NVlabs / GA3C

Hybrid CPU/GPU implementation of the A3C algorithm for deep reinforcement learning.
BSD 3-Clause "New" or "Revised" License
652 stars 195 forks source link

Why is pytorch-a3c implementation so much faster? #15

Closed lolz0r closed 7 years ago

lolz0r commented 7 years ago

https://github.com/ikostrikov/pytorch-a3c has an implementation (CPU ONLY) that can converge PongDeterministic-v3 within 15 minutes while the GPU powered GA3C appears to take 2-3 hours to achieve the same?

Based on my (limited) comparison they are using ADAM instead of RMSProp and using PongDeterministic-v3 instead of PongDeterministic-v0.

Maybe there is an incredible amount of overhead pushing data to the GPU so only with large models would see a true speedup?

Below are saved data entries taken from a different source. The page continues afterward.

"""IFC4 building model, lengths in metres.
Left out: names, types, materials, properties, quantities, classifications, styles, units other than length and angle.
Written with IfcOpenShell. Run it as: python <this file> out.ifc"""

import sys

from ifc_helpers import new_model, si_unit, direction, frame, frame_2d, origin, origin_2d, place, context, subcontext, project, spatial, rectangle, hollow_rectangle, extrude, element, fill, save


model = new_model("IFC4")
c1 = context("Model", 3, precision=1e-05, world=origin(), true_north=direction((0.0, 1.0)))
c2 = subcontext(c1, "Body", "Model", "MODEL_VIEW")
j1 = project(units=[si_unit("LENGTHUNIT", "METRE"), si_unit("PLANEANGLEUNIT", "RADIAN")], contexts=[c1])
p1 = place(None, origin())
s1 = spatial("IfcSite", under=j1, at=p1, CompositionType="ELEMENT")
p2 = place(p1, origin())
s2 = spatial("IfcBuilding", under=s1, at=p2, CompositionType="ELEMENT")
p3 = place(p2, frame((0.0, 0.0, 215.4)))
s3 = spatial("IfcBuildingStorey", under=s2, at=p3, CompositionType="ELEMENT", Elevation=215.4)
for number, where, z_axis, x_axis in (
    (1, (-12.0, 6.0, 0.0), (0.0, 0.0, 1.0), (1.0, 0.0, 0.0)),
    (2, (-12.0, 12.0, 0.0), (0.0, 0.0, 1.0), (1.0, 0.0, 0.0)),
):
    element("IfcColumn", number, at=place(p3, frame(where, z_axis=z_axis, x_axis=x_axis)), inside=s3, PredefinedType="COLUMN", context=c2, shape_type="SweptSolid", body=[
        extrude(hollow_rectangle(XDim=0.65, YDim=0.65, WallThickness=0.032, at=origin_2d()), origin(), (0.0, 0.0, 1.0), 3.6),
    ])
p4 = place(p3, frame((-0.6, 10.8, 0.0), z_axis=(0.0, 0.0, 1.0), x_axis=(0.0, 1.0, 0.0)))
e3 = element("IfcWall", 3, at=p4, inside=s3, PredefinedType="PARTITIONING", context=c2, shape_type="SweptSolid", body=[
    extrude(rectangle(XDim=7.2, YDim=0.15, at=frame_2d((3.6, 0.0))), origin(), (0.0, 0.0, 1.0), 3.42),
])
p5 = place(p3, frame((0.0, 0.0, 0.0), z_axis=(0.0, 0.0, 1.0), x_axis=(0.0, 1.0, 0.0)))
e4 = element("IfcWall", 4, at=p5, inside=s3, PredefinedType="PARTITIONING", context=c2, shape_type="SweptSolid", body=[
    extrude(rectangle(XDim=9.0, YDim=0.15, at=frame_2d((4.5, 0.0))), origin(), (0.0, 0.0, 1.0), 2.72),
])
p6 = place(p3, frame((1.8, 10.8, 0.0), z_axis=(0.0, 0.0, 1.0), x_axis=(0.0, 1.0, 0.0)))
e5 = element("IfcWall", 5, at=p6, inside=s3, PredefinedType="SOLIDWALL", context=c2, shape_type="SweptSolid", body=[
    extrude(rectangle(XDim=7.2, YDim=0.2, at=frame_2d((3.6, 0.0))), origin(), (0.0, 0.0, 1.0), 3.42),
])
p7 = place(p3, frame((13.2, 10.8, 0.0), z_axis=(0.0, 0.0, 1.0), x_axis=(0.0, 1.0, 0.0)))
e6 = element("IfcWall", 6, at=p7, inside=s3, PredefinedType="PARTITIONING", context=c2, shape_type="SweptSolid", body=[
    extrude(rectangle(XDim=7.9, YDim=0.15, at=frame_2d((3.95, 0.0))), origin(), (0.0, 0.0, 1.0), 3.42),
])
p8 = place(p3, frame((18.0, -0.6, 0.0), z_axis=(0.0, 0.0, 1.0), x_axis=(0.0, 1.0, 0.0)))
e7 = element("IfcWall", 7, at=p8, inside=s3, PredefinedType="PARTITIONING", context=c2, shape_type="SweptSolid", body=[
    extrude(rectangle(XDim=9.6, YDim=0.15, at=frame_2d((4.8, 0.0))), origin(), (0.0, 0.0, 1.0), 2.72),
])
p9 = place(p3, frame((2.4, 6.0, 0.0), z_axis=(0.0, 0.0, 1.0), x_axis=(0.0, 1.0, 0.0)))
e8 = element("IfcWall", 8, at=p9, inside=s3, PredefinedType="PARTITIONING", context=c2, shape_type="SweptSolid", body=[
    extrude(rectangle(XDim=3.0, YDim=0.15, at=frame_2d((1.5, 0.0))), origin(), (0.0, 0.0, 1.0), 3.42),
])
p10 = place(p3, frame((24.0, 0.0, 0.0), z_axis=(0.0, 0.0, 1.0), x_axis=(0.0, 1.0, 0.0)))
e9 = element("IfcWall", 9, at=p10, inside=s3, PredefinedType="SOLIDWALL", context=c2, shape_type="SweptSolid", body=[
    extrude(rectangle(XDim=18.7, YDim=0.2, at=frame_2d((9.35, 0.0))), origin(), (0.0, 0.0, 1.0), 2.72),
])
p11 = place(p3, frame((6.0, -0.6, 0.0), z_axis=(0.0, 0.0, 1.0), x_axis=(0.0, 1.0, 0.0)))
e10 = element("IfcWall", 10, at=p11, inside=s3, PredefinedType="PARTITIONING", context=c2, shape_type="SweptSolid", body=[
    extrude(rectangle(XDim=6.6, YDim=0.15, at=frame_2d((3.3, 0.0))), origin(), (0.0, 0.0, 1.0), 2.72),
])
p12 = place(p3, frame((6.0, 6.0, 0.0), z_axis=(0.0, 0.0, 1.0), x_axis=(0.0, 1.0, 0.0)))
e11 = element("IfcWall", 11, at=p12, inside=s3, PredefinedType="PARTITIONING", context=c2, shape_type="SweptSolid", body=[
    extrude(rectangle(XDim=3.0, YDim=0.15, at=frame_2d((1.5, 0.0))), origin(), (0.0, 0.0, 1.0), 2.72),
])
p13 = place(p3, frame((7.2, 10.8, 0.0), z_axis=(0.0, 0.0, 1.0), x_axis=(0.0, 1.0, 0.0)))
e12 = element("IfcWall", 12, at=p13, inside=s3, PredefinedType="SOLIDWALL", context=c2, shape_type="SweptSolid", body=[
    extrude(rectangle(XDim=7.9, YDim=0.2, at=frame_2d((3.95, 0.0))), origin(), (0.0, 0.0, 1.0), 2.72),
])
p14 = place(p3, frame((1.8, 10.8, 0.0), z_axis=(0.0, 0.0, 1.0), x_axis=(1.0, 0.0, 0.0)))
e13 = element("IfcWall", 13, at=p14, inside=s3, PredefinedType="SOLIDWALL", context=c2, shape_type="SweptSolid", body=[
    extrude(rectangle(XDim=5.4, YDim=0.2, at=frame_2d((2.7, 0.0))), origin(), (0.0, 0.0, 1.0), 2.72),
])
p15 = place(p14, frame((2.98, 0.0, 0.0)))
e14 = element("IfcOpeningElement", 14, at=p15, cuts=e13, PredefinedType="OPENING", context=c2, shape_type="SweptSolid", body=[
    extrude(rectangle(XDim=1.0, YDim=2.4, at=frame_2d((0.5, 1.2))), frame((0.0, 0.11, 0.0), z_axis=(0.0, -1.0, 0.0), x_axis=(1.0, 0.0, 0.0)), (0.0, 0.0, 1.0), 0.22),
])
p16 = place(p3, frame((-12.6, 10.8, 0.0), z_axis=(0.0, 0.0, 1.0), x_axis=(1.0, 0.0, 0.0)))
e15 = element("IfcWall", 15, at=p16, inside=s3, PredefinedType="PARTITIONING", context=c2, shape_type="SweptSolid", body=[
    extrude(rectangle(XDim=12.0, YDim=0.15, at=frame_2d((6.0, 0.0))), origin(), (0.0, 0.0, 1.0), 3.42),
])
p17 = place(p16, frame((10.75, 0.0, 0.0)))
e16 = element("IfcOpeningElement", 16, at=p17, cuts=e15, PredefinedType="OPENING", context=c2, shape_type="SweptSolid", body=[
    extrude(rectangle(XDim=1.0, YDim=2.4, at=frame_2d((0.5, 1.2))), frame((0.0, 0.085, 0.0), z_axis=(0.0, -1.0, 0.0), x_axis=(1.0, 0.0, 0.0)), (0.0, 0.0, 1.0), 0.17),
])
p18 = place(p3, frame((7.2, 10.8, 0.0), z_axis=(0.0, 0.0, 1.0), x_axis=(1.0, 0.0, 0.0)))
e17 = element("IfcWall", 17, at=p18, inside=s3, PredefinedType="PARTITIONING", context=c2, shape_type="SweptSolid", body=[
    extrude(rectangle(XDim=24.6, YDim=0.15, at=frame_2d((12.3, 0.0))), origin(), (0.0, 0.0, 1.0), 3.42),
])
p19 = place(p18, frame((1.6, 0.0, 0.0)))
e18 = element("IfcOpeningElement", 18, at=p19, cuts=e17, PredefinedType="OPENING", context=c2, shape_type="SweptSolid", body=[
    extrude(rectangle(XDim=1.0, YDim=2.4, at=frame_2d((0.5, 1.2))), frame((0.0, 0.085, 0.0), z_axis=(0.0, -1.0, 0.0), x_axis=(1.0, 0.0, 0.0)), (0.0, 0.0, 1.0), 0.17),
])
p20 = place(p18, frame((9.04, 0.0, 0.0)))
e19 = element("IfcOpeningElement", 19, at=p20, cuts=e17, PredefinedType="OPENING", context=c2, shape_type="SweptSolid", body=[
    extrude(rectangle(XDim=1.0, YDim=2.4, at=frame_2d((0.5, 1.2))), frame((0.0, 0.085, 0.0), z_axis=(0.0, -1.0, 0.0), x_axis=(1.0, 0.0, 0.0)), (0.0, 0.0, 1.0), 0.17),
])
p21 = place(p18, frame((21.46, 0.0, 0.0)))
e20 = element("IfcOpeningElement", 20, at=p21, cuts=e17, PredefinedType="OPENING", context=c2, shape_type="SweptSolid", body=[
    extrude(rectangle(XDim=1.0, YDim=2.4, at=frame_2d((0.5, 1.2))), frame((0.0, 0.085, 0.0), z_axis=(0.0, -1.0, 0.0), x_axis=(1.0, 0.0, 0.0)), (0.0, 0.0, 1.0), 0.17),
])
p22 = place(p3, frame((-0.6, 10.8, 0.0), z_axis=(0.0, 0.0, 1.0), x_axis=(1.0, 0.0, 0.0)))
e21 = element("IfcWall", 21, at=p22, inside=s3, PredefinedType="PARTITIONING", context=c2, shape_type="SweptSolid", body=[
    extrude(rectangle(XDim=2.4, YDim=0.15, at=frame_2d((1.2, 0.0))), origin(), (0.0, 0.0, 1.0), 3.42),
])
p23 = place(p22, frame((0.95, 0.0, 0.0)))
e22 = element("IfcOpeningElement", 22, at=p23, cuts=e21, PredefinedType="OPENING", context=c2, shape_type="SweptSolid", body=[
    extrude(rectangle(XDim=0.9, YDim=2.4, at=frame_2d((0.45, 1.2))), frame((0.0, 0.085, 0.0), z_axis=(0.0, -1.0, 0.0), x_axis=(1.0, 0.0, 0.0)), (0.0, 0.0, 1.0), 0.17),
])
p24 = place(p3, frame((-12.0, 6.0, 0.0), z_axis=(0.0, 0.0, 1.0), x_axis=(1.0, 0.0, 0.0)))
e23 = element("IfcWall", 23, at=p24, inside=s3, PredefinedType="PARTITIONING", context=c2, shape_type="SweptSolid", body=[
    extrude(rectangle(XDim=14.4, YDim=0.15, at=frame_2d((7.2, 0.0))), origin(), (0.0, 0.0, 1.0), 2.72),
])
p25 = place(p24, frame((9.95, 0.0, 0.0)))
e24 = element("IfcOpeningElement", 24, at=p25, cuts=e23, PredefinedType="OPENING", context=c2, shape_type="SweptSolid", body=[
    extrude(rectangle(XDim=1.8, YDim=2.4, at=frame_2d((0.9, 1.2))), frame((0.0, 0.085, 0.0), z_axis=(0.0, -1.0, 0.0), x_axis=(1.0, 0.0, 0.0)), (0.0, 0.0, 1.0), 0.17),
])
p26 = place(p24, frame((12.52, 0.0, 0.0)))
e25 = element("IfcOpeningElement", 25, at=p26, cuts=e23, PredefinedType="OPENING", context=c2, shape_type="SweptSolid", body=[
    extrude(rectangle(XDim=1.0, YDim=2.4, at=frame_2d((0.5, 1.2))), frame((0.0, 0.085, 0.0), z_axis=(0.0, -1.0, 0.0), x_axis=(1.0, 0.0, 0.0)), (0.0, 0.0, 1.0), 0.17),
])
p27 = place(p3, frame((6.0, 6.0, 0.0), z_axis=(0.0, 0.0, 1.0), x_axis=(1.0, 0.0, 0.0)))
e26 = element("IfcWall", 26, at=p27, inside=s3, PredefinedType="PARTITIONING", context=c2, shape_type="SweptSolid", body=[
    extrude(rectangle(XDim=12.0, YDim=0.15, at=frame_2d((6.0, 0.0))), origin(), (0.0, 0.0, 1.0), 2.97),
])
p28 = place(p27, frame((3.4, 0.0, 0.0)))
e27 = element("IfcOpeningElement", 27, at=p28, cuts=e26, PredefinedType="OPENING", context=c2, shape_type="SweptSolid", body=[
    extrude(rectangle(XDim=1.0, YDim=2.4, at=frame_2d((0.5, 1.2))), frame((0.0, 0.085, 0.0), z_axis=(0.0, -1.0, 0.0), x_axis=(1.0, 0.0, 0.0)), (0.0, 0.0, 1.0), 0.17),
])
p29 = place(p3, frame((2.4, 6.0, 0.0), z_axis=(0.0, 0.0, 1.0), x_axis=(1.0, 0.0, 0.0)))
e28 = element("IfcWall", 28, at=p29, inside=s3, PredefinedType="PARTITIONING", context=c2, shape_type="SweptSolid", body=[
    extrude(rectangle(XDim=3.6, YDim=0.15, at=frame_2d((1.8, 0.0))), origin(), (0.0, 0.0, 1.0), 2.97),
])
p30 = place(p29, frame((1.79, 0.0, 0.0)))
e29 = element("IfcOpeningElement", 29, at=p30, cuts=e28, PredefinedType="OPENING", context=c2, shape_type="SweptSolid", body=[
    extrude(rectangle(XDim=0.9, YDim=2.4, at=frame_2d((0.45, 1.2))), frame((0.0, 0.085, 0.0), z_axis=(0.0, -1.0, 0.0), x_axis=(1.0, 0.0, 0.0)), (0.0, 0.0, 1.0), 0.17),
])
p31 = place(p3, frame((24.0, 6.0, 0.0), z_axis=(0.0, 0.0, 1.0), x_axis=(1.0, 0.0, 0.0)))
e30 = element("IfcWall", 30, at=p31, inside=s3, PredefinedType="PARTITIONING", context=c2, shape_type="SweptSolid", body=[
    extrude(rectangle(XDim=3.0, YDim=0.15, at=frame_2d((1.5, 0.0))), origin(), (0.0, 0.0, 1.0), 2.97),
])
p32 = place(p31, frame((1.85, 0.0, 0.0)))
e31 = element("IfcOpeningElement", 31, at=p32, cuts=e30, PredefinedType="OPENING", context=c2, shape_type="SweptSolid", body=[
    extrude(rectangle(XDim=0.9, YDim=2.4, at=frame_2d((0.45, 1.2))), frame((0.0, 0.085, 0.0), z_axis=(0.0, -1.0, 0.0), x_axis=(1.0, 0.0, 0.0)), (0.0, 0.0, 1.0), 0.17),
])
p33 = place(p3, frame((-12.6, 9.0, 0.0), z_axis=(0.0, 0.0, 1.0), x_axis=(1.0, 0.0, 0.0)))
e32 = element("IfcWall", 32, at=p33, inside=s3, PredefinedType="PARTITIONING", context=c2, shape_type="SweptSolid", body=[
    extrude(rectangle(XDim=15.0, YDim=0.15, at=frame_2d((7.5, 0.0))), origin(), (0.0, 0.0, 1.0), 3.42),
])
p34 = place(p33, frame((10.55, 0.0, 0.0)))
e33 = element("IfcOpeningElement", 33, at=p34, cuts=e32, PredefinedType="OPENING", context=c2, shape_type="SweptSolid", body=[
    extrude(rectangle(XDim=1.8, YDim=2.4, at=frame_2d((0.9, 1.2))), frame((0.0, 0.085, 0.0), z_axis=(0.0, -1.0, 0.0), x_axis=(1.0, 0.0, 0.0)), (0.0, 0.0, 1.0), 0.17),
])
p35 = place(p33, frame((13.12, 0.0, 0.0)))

4SkyNet commented 7 years ago

@lolz0r GA3C uses as a baseline original A3C algorithm with some additional issues with RMSProp and loss (see the code). Torch implementation uses A3C-GAE, different neural network architecture and different optimizer. But, yup - the second one arch fits good to the GPU> see one more imp there: https://github.com/4SkyNet/tensorpack

lolz0r commented 7 years ago

@4SkyNet Thanks for the information. Lets find Sarah Connor!

4SkyNet commented 7 years ago

@lolz0r on my way) PS> As I understand, guys from NVIDIA show some way to exploit video card in more efficient way for reinforcement learning benchmark (a3c algorithm). RL isn't efficient on a GPU as some classic ML tasks. You can free to change this algo to Torch one (cuz it's a bit advanced), add lstm or something you want.